Denken Sie, manche Demonstrierende wissen noch immer nicht, was sie mit solchen Parolen genau fordern – nämlich die Auslöschung Israels.
Nicht alle, aber viele. Sie laufen im Arafat-Look herum und vergessen, dass die Entwicklung im Jahr 2024 eine andere ist als in den achtziger Jahren. Es zeigt dieses vereinfachte Weltbild von gut und böse. In dieses dualistische Weltbild passen die Iranerinnen und Iraner eben auch nicht hinein, die einerseits um ihre Freiheit kämpfen, aber andererseits auch eine Regierung bekämpfen, die unter den hiesigen Linken lange für ihren Anti-Amerikanismus gefeiert worden ist.
Sie äussern sich kritisch gegenüber dem iranischen Regime. Haben Sie keine Angst?
Meine Eltern leben nicht mehr in Teheran. Es gab aber eine Zeit, in der ich mich aktiver und öfter gegen das Regime äusserte. Da haben sie sich zu erkennen gegeben. Aber das ist jetzt schon einige Jahre her.

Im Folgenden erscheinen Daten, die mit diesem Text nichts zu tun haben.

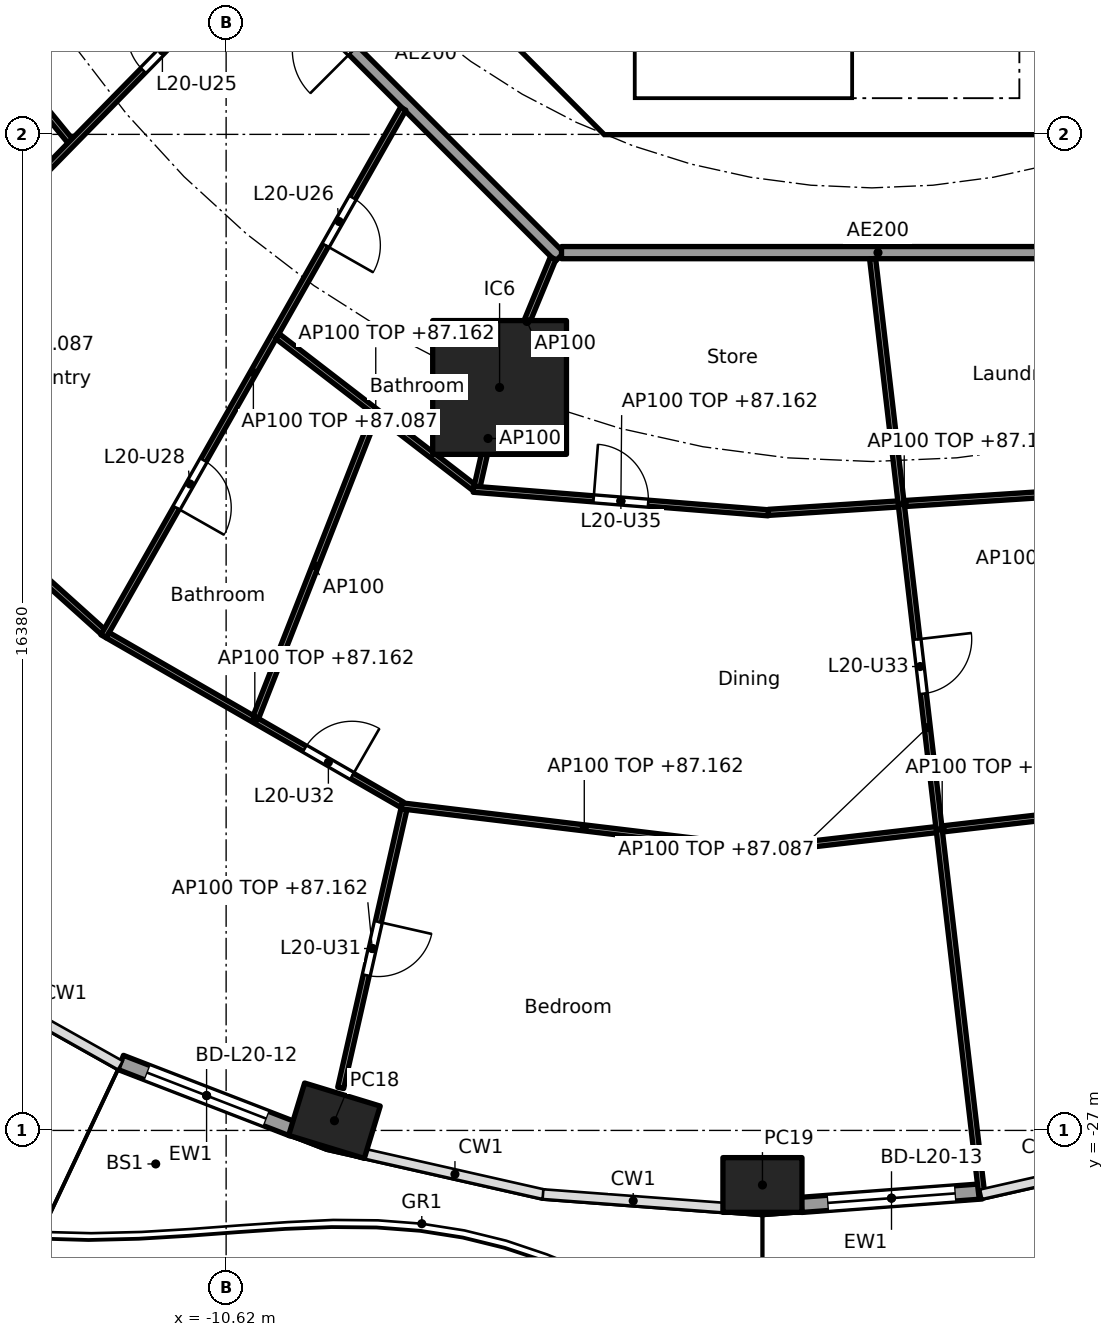
"""IFC4 building model, lengths in metres.
Left out: names, types, materials, properties, quantities, classifications, styles, units other than length and angle.
Written with IfcOpenShell. Run it as: python <this file> out.ifc"""

import sys

from ifc_helpers import new_model, si_unit, direction, frame, frame_2d, origin, origin_2d, place, context, subcontext, project, spatial, polyline, rectangle, hollow_rectangle, outline, extrude, element, fill, save


model = new_model("IFC4")
c1 = context("Model", 3, precision=1e-05, world=origin(), true_north=direction((0.0, 1.0)))
c2 = subcontext(c1, "Body", "Model", "MODEL_VIEW")
j1 = project(units=[si_unit("LENGTHUNIT", "METRE"), si_unit("PLANEANGLEUNIT", "RADIAN")], contexts=[c1])
p1 = place(None, origin())
s1 = spatial("IfcSite", under=j1, at=p1, CompositionType="ELEMENT")
p2 = place(p1, origin())
s2 = spatial("IfcBuilding", under=s1, at=p2, CompositionType="ELEMENT")
p3 = place(p2, frame((0.0, 0.0, 84.4)))
s3 = spatial("IfcBuildingStorey", under=s2, at=p3, CompositionType="ELEMENT", Elevation=84.4)
for number, where, z_axis, x_axis in (
    (1, (-8.839, -26.841, 0.0), (0.0, 0.0, 1.0), (0.957, -0.292, 0.0)),
    (2, (-1.8, -27.897, 0.0), (0.0, 0.0, 1.0), (1.0, 0.0, 0.0)),
):
    element("IfcColumn", number, at=place(p3, frame(where, z_axis=z_axis, x_axis=x_axis)), inside=s3, PredefinedType="COLUMN", context=c2, shape_type="SweptSolid", body=[
        extrude(hollow_rectangle(XDim=1.3, YDim=0.9, WallThickness=0.045, at=origin_2d()), origin(), (0.0, 0.0, 1.0), 3.7),
    ])
p4 = place(p3, frame((-6.123, -14.782, 0.0), z_axis=(0.0, 0.0, 1.0), x_axis=(1.0, 0.0, 0.0)))
e3 = element("IfcColumn", 3, at=p4, inside=s3, PredefinedType="COLUMN", context=c2, shape_type="SweptSolid", body=[
    extrude(rectangle(XDim=2.2, YDim=2.2, at=origin_2d()), origin(), (0.0, 0.0, 1.0), 3.7),
])
p5 = place(p3, frame((-9.529, -26.973, 0.0), z_axis=(0.0, 0.0, 1.0), x_axis=(-0.932827091302, 0.360324322982, 0.0)))
e4 = element("IfcWall", 4, at=p5, inside=s3, PredefinedType="SOLIDWALL", context=c2, shape_type="SweptSolid", body=[
    extrude(rectangle(XDim=3.027, YDim=0.25, at=frame_2d((1.514, 0.0))), origin(), (0.0, 0.0, 1.0), 3.44),
])
p6 = place(p5, frame((0.464, 0.0, 0.0)))
e5 = element("IfcOpeningElement", 5, at=p6, cuts=e4, PredefinedType="OPENING", context=c2, shape_type="SweptSolid", body=[
    extrude(rectangle(XDim=2.1, YDim=2.4, at=frame_2d((1.05, 1.2))), frame((0.0, 0.135, 0.0), z_axis=(0.0, -1.0, 0.0), x_axis=(1.0, 0.0, 0.0)), (0.0, 0.0, 1.0), 0.27),
])
p7 = place(p3, frame((1.806, -28.003, 0.0), z_axis=(0.0, 0.0, 1.0), x_axis=(-0.997226174467, -0.074430887117, 0.0)))
e6 = element("IfcWall", 6, at=p7, inside=s3, PredefinedType="SOLIDWALL", context=c2, shape_type="SweptSolid", body=[
    extrude(rectangle(XDim=2.975, YDim=0.25, at=frame_2d((1.488, 0.0))), origin(), (0.0, 0.0, 1.0), 3.44),
])
p8 = place(p7, frame((0.438, 0.0, 0.0)))
e7 = element("IfcOpeningElement", 7, at=p8, cuts=e6, PredefinedType="OPENING", context=c2, shape_type="SweptSolid", body=[
    extrude(rectangle(XDim=2.1, YDim=2.4, at=frame_2d((1.05, 1.2))), frame((0.0, 0.135, 0.0), z_axis=(0.0, -1.0, 0.0), x_axis=(1.0, 0.0, 0.0)), (0.0, 0.0, 1.0), 0.27),
])
p9 = place(p3, frame((-9.988, -4.613, 0.0), z_axis=(0.0, 0.0, 1.0), x_axis=(0.707106781187, -0.707106781187, 0.0)))
e8 = element("IfcWall", 8, at=p9, inside=s3, PredefinedType="SHEAR", context=c2, shape_type="SweptSolid", body=[
    extrude(rectangle(XDim=7.602, YDim=0.6, at=frame_2d((3.801, 0.0))), origin(), (0.0, 0.0, 1.0), 3.44),
])
p10 = place(p9, frame((6.151, 0.0, 0.0)))
e9 = element("IfcOpeningElement", 9, at=p10, cuts=e8, PredefinedType="OPENING", context=c2, shape_type="SweptSolid", body=[
    extrude(rectangle(XDim=1.1, YDim=2.1, at=frame_2d((0.55, 1.05))), frame((0.0, 0.31, 0.0), z_axis=(0.0, -1.0, 0.0), x_axis=(1.0, 0.0, 0.0)), (0.0, 0.0, 1.0), 0.62),
])
p11 = place(p3, origin())
e10 = element("IfcWall", 10, at=p11, inside=s3, PredefinedType="SHEAR", context=c2, shape_type="SweptSolid", body=[
    extrude(outline(polyline([(-4.152, -10.025), (4.152, -10.025), (4.401, -9.776), (4.825, -10.2), (4.401, -10.625), (-4.401, -10.625), (-4.825, -10.2), (-4.401, -9.776), (-4.152, -10.025)])), origin(), (0.0, 0.0, 1.0), 3.44),
])
p12 = place(p3, origin())
e11 = element("IfcWall", 11, at=p12, inside=s3, PredefinedType="SOLIDWALL", context=c2, shape_type="SweptSolid", body=[
    extrude(outline(polyline([(-3.9, -10.025), (-4.1, -10.025), (-4.1, -7.025), (-3.9, -7.025), (-3.9, -10.025)])), origin(), (0.0, 0.0, 1.0), 3.44),
])
p13 = place(p3, frame((-12.635, -5.134, 0.0), z_axis=(0.0, 0.0, 1.0), x_axis=(0.707106781187, -0.707106781187, 0.0)))
e12 = element("IfcWall", 12, at=p13, inside=s3, PredefinedType="PARTITIONING", context=c2, shape_type="SweptSolid", body=[
    extrude(rectangle(XDim=10.609, YDim=0.2, at=frame_2d((5.305, 0.0))), origin(), (0.0, 0.0, 1.0), 3.44),
])
p14 = place(p13, frame((4.804, 0.0, 0.0)))
e13 = element("IfcOpeningElement", 13, at=p14, cuts=e12, PredefinedType="OPENING", context=c2, shape_type="SweptSolid", body=[
    extrude(rectangle(XDim=1.0, YDim=2.1, at=frame_2d((0.5, 1.05))), frame((0.0, 0.11, 0.0), z_axis=(0.0, -1.0, 0.0), x_axis=(1.0, 0.0, 0.0)), (0.0, 0.0, 1.0), 0.22),
])
p15 = place(p3, frame((-5.104, -12.565, 0.0), z_axis=(0.0, 0.0, 1.0), x_axis=(1.0, 0.0, 0.0)))
e14 = element("IfcWall", 14, at=p15, inside=s3, PredefinedType="PARTITIONING", context=c2, shape_type="SweptSolid", body=[
    extrude(rectangle(XDim=10.409, YDim=0.2, at=frame_2d((5.205, 0.0))), origin(), (0.0, 0.0, 1.0), 3.44),
])
p16 = place(p3, frame((-16.182, -7.067, 0.0), z_axis=(0.0, 0.0, 1.0), x_axis=(0.633400832951, -0.773823871962, 0.0)))
e15 = element("IfcWall", 15, at=p16, inside=s3, PredefinedType="PARTITIONING", context=c2, shape_type="SweptSolid", body=[
    extrude(rectangle(XDim=4.729, YDim=0.1, at=frame_2d((2.365, 0.0))), origin(), (0.0, 0.0, 1.0), 2.762),
])
p17 = place(p3, frame((-10.181, -7.729, 0.0), z_axis=(0.0, 0.0, 1.0), x_axis=(-0.699708106083, -0.714428839201, 0.0)))
e16 = element("IfcWall", 16, at=p17, inside=s3, PredefinedType="PARTITIONING", context=c2, shape_type="SweptSolid", body=[
    extrude(rectangle(XDim=14.959, YDim=0.1, at=frame_2d((7.48, 0.0))), origin(), (0.0, 0.0, 1.0), 2.687),
])
p18 = place(p17, frame((1.675, 0.0, 0.0)))
e17 = element("IfcOpeningElement", 17, at=p18, cuts=e16, PredefinedType="OPENING", context=c2, shape_type="SweptSolid", body=[
    extrude(rectangle(XDim=0.9, YDim=2.1, at=frame_2d((0.45, 1.05))), frame((0.0, 0.06, 0.0), z_axis=(0.0, -1.0, 0.0), x_axis=(1.0, 0.0, 0.0)), (0.0, 0.0, 1.0), 0.12),
])
p19 = place(p17, frame((6.619, 0.0, 0.0)))
e18 = element("IfcOpeningElement", 18, at=p19, cuts=e16, PredefinedType="OPENING", context=c2, shape_type="SweptSolid", body=[
    extrude(rectangle(XDim=0.9, YDim=2.1, at=frame_2d((0.45, 1.05))), frame((0.0, 0.06, 0.0), z_axis=(0.0, -1.0, 0.0), x_axis=(1.0, 0.0, 0.0)), (0.0, 0.0, 1.0), 0.12),
])
p20 = place(p3, frame((-17.063, -14.827, 0.0), z_axis=(0.0, 0.0, 1.0), x_axis=(0.743478142868, -0.668760234373, 0.0)))
e19 = element("IfcWall", 19, at=p20, inside=s3, PredefinedType="PARTITIONING", context=c2, shape_type="SweptSolid", body=[
    extrude(rectangle(XDim=5.937, YDim=0.1, at=frame_2d((2.969, 0.0))), origin(), (0.0, 0.0, 1.0), 2.762),
])
p21 = place(p20, frame((2.519, 0.0, 0.0)))
e20 = element("IfcOpeningElement", 20, at=p21, cuts=e19, PredefinedType="OPENING", context=c2, shape_type="SweptSolid", body=[
    extrude(rectangle(XDim=0.9, YDim=2.1, at=frame_2d((0.45, 1.05))), frame((0.0, 0.06, 0.0), z_axis=(0.0, -1.0, 0.0), x_axis=(1.0, 0.0, 0.0)), (0.0, 0.0, 1.0), 0.12),
])
p22 = place(p3, frame((-7.707, -10.198, 0.0), z_axis=(0.0, 0.0, 1.0), x_axis=(-0.493963587489, -0.869482589955, 0.0)))
e21 = element("IfcWall", 21, at=p22, inside=s3, PredefinedType="PARTITIONING", context=c2, shape_type="SweptSolid", body=[
    extrude(rectangle(XDim=9.978, YDim=0.1, at=frame_2d((4.989, 0.0))), origin(), (0.0, 0.0, 1.0), 2.687),
])
p23 = place(p22, frame((1.684, 0.0, 0.0)))
e22 = element("IfcOpeningElement", 22, at=p23, cuts=e21, PredefinedType="OPENING", context=c2, shape_type="SweptSolid", body=[
    extrude(rectangle(XDim=0.9, YDim=2.1, at=frame_2d((0.45, 1.05))), frame((0.0, 0.06, 0.0), z_axis=(0.0, -1.0, 0.0), x_axis=(1.0, 0.0, 0.0)), (0.0, 0.0, 1.0), 0.12),
])
p24 = place(p22, frame((6.648, 0.0, 0.0)))
e23 = element("IfcOpeningElement", 23, at=p24, cuts=e21, PredefinedType="OPENING", context=c2, shape_type="SweptSolid", body=[
    extrude(rectangle(XDim=0.9, YDim=2.1, at=frame_2d((0.45, 1.05))), frame((0.0, 0.06, 0.0), z_axis=(0.0, -1.0, 0.0), x_axis=(1.0, 0.0, 0.0)), (0.0, 0.0, 1.0), 0.12),
])
p25 = place(p3, frame((-9.775, -13.939, 0.0), z_axis=(0.0, 0.0, 1.0), x_axis=(0.792156642473, -0.61031783014, 0.0)))
e24 = element("IfcWall", 24, at=p25, inside=s3, PredefinedType="PARTITIONING", context=c2, shape_type="SweptSolid", body=[
    extrude(rectangle(XDim=4.08, YDim=0.1, at=frame_2d((2.04, 0.0))), origin(), (0.0, 0.0, 1.0), 2.762),
])
p26 = place(p3, frame((-12.568, -18.856, 0.0), z_axis=(0.0, 0.0, 1.0), x_axis=(0.866532513598, -0.499120629585, 0.0)))
e25 = element("IfcWall", 25, at=p26, inside=s3, PredefinedType="PARTITIONING", context=c2, shape_type="SweptSolid", body=[
    extrude(rectangle(XDim=5.585, YDim=0.1, at=frame_2d((2.792, 0.0))), origin(), (0.0, 0.0, 1.0), 2.762),
])
p27 = place(p26, frame((3.739, 0.0, 0.0)))
e26 = element("IfcOpeningElement", 26, at=p27, cuts=e25, PredefinedType="OPENING", context=c2, shape_type="SweptSolid", body=[
    extrude(rectangle(XDim=0.9, YDim=2.1, at=frame_2d((0.45, 1.05))), frame((0.0, 0.06, 0.0), z_axis=(0.0, -1.0, 0.0), x_axis=(1.0, 0.0, 0.0)), (0.0, 0.0, 1.0), 0.12),
])
p28 = place(p3, frame((-8.177, -15.231, 0.0), z_axis=(0.0, 0.0, 1.0), x_axis=(-0.365520869553, -0.930803144559, 0.0)))
e27 = element("IfcWall", 27, at=p28, inside=s3, PredefinedType="PARTITIONING", context=c2, shape_type="SweptSolid", body=[
    extrude(rectangle(XDim=5.342, YDim=0.1, at=frame_2d((2.671, 0.0))), origin(), (0.0, 0.0, 1.0), 3.44),
])
p29 = place(p3, frame((-5.243, -12.657, 0.0), z_axis=(0.0, 0.0, 1.0), x_axis=(-0.382719158442, -0.923864733477, 0.0)))
e28 = element("IfcWall", 28, at=p29, inside=s3, PredefinedType="PARTITIONING", context=c2, shape_type="SweptSolid", body=[
    extrude(rectangle(XDim=2.25, YDim=0.1, at=frame_2d((1.125, 0.0))), origin(), (0.0, 0.0, 1.0), 3.44),
])
p30 = place(p3, frame((-6.134, -14.831, 0.0), z_axis=(0.0, 0.0, 1.0), x_axis=(-0.221269290858, -0.975212746493, 0.0)))
e29 = element("IfcWall", 29, at=p30, inside=s3, PredefinedType="PARTITIONING", context=c2, shape_type="SweptSolid", body=[
    extrude(rectangle(XDim=1.62, YDim=0.1, at=frame_2d((0.81, 0.0))), origin(), (0.0, 0.0, 1.0), 3.44),
])
p31 = place(p3, frame((-6.553, -16.456, 0.0), z_axis=(0.0, 0.0, 1.0), x_axis=(0.996817033118, -0.079723286975, 0.0)))
e30 = element("IfcWall", 30, at=p31, inside=s3, PredefinedType="PARTITIONING", context=c2, shape_type="SweptSolid", body=[
    extrude(rectangle(XDim=4.866, YDim=0.1, at=frame_2d((2.433, 0.0))), origin(), (0.0, 0.0, 1.0), 2.762),
])
p32 = place(p31, frame((1.983, 0.0, 0.0)))
e31 = element("IfcOpeningElement", 31, at=p32, cuts=e30, PredefinedType="OPENING", context=c2, shape_type="SweptSolid", body=[
    extrude(rectangle(XDim=0.9, YDim=2.1, at=frame_2d((0.45, 1.05))), frame((0.0, 0.06, 0.0), z_axis=(0.0, -1.0, 0.0), x_axis=(1.0, 0.0, 0.0)), (0.0, 0.0, 1.0), 0.12),
])
p33 = place(p3, frame((-7.696, -21.717, 0.0), z_axis=(0.0, 0.0, 1.0), x_axis=(-0.221196717441, -0.97522921008, 0.0)))
e32 = element("IfcWall", 32, at=p33, inside=s3, PredefinedType="PARTITIONING", context=c2, shape_type="SweptSolid", body=[
    extrude(rectangle(XDim=4.7, YDim=0.1, at=frame_2d((2.35, 0.0))), origin(), (0.0, 0.0, 1.0), 2.762),
])
p34 = place(p33, frame((1.9, 0.0, 0.0)))
e33 = element("IfcOpeningElement", 33, at=p34, cuts=e32, PredefinedType="OPENING", context=c2, shape_type="SweptSolid", body=[
    extrude(rectangle(XDim=0.9, YDim=2.1, at=frame_2d((0.45, 1.05))), frame((0.0, 0.06, 0.0), z_axis=(0.0, -1.0, 0.0), x_axis=(1.0, 0.0, 0.0)), (0.0, 0.0, 1.0), 0.12),
])
p35 = place(p3, frame((-7.735, -21.662, 0.0), z_axis=(0.0, 0.0, 1.0), x_axis=(0.992808347289, -0.119714600421, 0.0)))
e34 = element("IfcWall", 34, at=p35, inside=s3, PredefinedType="PARTITIONING", context=c2, shape_type="SweptSolid", body=[
    extrude(rectangle(XDim=6.053, YDim=0.1, at=frame_2d((3.026, 0.0))), origin(), (0.0, 0.0, 1.0), 2.762),
])
p36 = place(p3, frame((-1.703, -16.836, 0.0), z_axis=(0.0, 0.0, 1.0), x_axis=(0.997899919101, 0.064774620473, 0.0)))
e35 = element("IfcWall", 35, at=p36, inside=s3, PredefinedType="PARTITIONING", context=c2, shape_type="SweptSolid", body=[
    extrude(rectangle(XDim=4.478, YDim=0.1, at=frame_2d((2.239, 0.0))), origin(), (0.0, 0.0, 1.0), 2.762),
])
p37 = place(p3, frame((-1.726, -22.375, 0.0), z_axis=(0.0, 0.0, 1.0), x_axis=(0.993392336919, 0.114767874207, 0.0)))
e36 = element("IfcWall", 36, at=p37, inside=s3, PredefinedType="PARTITIONING", context=c2, shape_type="SweptSolid", body=[
    extrude(rectangle(XDim=5.801, YDim=0.1, at=frame_2d((2.9, 0.0))), origin(), (0.0, 0.0, 1.0), 2.762),
])
p38 = place(p3, frame((0.011, -12.664, 0.0), z_axis=(0.0, 0.0, 1.0), x_axis=(0.115841404661, -0.993267722704, 0.0)))
e37 = element("IfcWall", 37, at=p38, inside=s3, PredefinedType="PARTITIONING", context=c2, shape_type="SweptSolid", body=[
    extrude(rectangle(XDim=15.528, YDim=0.1, at=frame_2d((7.764, 0.0))), origin(), (0.0, 0.0, 1.0), 2.687),
])
p39 = place(p38, frame((6.303, 0.0, 0.0)))
e38 = element("IfcOpeningElement", 38, at=p39, cuts=e37, PredefinedType="OPENING", context=c2, shape_type="SweptSolid", body=[
    extrude(rectangle(XDim=0.9, YDim=2.1, at=frame_2d((0.45, 1.05))), frame((0.0, 0.06, 0.0), z_axis=(0.0, -1.0, 0.0), x_axis=(1.0, 0.0, 0.0)), (0.0, 0.0, 1.0), 0.12),
])
p40 = place(p6, origin())
e39 = element("IfcDoor", 39, at=p40, inside=s3, OperationType="SLIDING_TO_LEFT", PredefinedType="DOOR", context=c2, shape_type="SweptSolid", body=[
    extrude(rectangle(XDim=2.1, YDim=2.4, at=frame_2d((1.05, 1.2))), frame((0.0, 0.025, 0.0), z_axis=(0.0, -1.0, 0.0), x_axis=(1.0, 0.0, 0.0)), (0.0, 0.0, 1.0), 0.05),
])
fill(e5, e39)
p41 = place(p8, origin())
e40 = element("IfcDoor", 40, at=p41, inside=s3, OperationType="SLIDING_TO_LEFT", PredefinedType="DOOR", context=c2, shape_type="SweptSolid", body=[
    extrude(rectangle(XDim=2.1, YDim=2.4, at=frame_2d((1.05, 1.2))), frame((0.0, 0.025, 0.0), z_axis=(0.0, -1.0, 0.0), x_axis=(1.0, 0.0, 0.0)), (0.0, 0.0, 1.0), 0.05),
])
fill(e7, e40)
p42 = place(p10, origin())
e41 = element("IfcDoor", 41, at=p42, inside=s3, OperationType="SINGLE_SWING_LEFT", PredefinedType="DOOR", context=c2, shape_type="SweptSolid", body=[
    extrude(rectangle(XDim=1.1, YDim=2.1, at=frame_2d((0.55, 1.05))), frame((0.0, 0.025, 0.0), z_axis=(0.0, -1.0, 0.0), x_axis=(1.0, 0.0, 0.0)), (0.0, 0.0, 1.0), 0.05),
])
fill(e9, e41)
p43 = place(p18, frame((0.9, 0.0, 0.0), x_axis=(-1.0, 0.0, 0.0)))
e42 = element("IfcDoor", 42, at=p43, inside=s3, OperationType="SINGLE_SWING_RIGHT", PredefinedType="DOOR", context=c2, shape_type="SweptSolid", body=[
    extrude(rectangle(XDim=0.9, YDim=2.1, at=frame_2d((0.45, 1.05))), frame((0.0, 0.025, 0.0), z_axis=(0.0, -1.0, 0.0), x_axis=(1.0, 0.0, 0.0)), (0.0, 0.0, 1.0), 0.05),
])
fill(e17, e42)
p44 = place(p23, origin())
e43 = element("IfcDoor", 43, at=p44, inside=s3, OperationType="SINGLE_SWING_RIGHT", PredefinedType="DOOR", context=c2, shape_type="SweptSolid", body=[
    extrude(rectangle(XDim=0.9, YDim=2.1, at=frame_2d((0.45, 1.05))), frame((0.0, 0.025, 0.0), z_axis=(0.0, -1.0, 0.0), x_axis=(1.0, 0.0, 0.0)), (0.0, 0.0, 1.0), 0.05),
])
fill(e22, e43)
p45 = place(p24, origin())
e44 = element("IfcDoor", 44, at=p45, inside=s3, OperationType="SINGLE_SWING_RIGHT", PredefinedType="DOOR", context=c2, shape_type="SweptSolid", body=[
    extrude(rectangle(XDim=0.9, YDim=2.1, at=frame_2d((0.45, 1.05))), frame((0.0, 0.025, 0.0), z_axis=(0.0, -1.0, 0.0), x_axis=(1.0, 0.0, 0.0)), (0.0, 0.0, 1.0), 0.05),
])
fill(e23, e44)
p46 = place(p34, origin())
e45 = element("IfcDoor", 45, at=p46, inside=s3, OperationType="SINGLE_SWING_LEFT", PredefinedType="DOOR", context=c2, shape_type="SweptSolid", body=[
    extrude(rectangle(XDim=0.9, YDim=2.1, at=frame_2d((0.45, 1.05))), frame((0.0, 0.025, 0.0), z_axis=(0.0, -1.0, 0.0), x_axis=(1.0, 0.0, 0.0)), (0.0, 0.0, 1.0), 0.05),
])
fill(e33, e45)
p47 = place(p27, origin())
e46 = element("IfcDoor", 46, at=p47, inside=s3, OperationType="SINGLE_SWING_RIGHT", PredefinedType="DOOR", context=c2, shape_type="SweptSolid", body=[
    extrude(rectangle(XDim=0.9, YDim=2.1, at=frame_2d((0.45, 1.05))), frame((0.0, 0.025, 0.0), z_axis=(0.0, -1.0, 0.0), x_axis=(1.0, 0.0, 0.0)), (0.0, 0.0, 1.0), 0.05),
])
fill(e26, e46)
p48 = place(p39, origin())
e47 = element("IfcDoor", 47, at=p48, inside=s3, OperationType="SINGLE_SWING_LEFT", PredefinedType="DOOR", context=c2, shape_type="SweptSolid", body=[
    extrude(rectangle(XDim=0.9, YDim=2.1, at=frame_2d((0.45, 1.05))), frame((0.0, 0.025, 0.0), z_axis=(0.0, -1.0, 0.0), x_axis=(1.0, 0.0, 0.0)), (0.0, 0.0, 1.0), 0.05),
])
fill(e38, e47)
p49 = place(p32, origin())
e48 = element("IfcDoor", 48, at=p49, inside=s3, OperationType="SINGLE_SWING_LEFT", PredefinedType="DOOR", context=c2, shape_type="SweptSolid", body=[
    extrude(rectangle(XDim=0.9, YDim=2.1, at=frame_2d((0.45, 1.05))), frame((0.0, 0.025, 0.0), z_axis=(0.0, -1.0, 0.0), x_axis=(1.0, 0.0, 0.0)), (0.0, 0.0, 1.0), 0.05),
])
fill(e31, e48)
save(model, sys.argv[1])

Was heisst «zu erkennen gegeben»?
Leute haben mich in Wien auf der Strasse auf Farsi als «Zionisten-Hund» beschimpft und mich bedroht. Mich auch mit unterdrückter Nummer angerufen, manchmal 20-mal am Tag, und Drohungen auf Farsi ausgesprochen. Aber das habe ich nicht ernst genommen.
Ist das klug, so etwas nicht ernst zu nehmen?
Es ist ein Schutzmechanismus für mich selbst. Sie bedrohen uns, damit wir, die iranische Diaspora, in Angst leben. Das ist ihr Ziel. Wenn sie mir tatsächlich etwas hätten antun wollen, hätten sie mich nicht vorab gewarnt.
Amir Gudarzi: Das Ende ist nah. dtv, München 2023. 416 S., Fr. 34.90.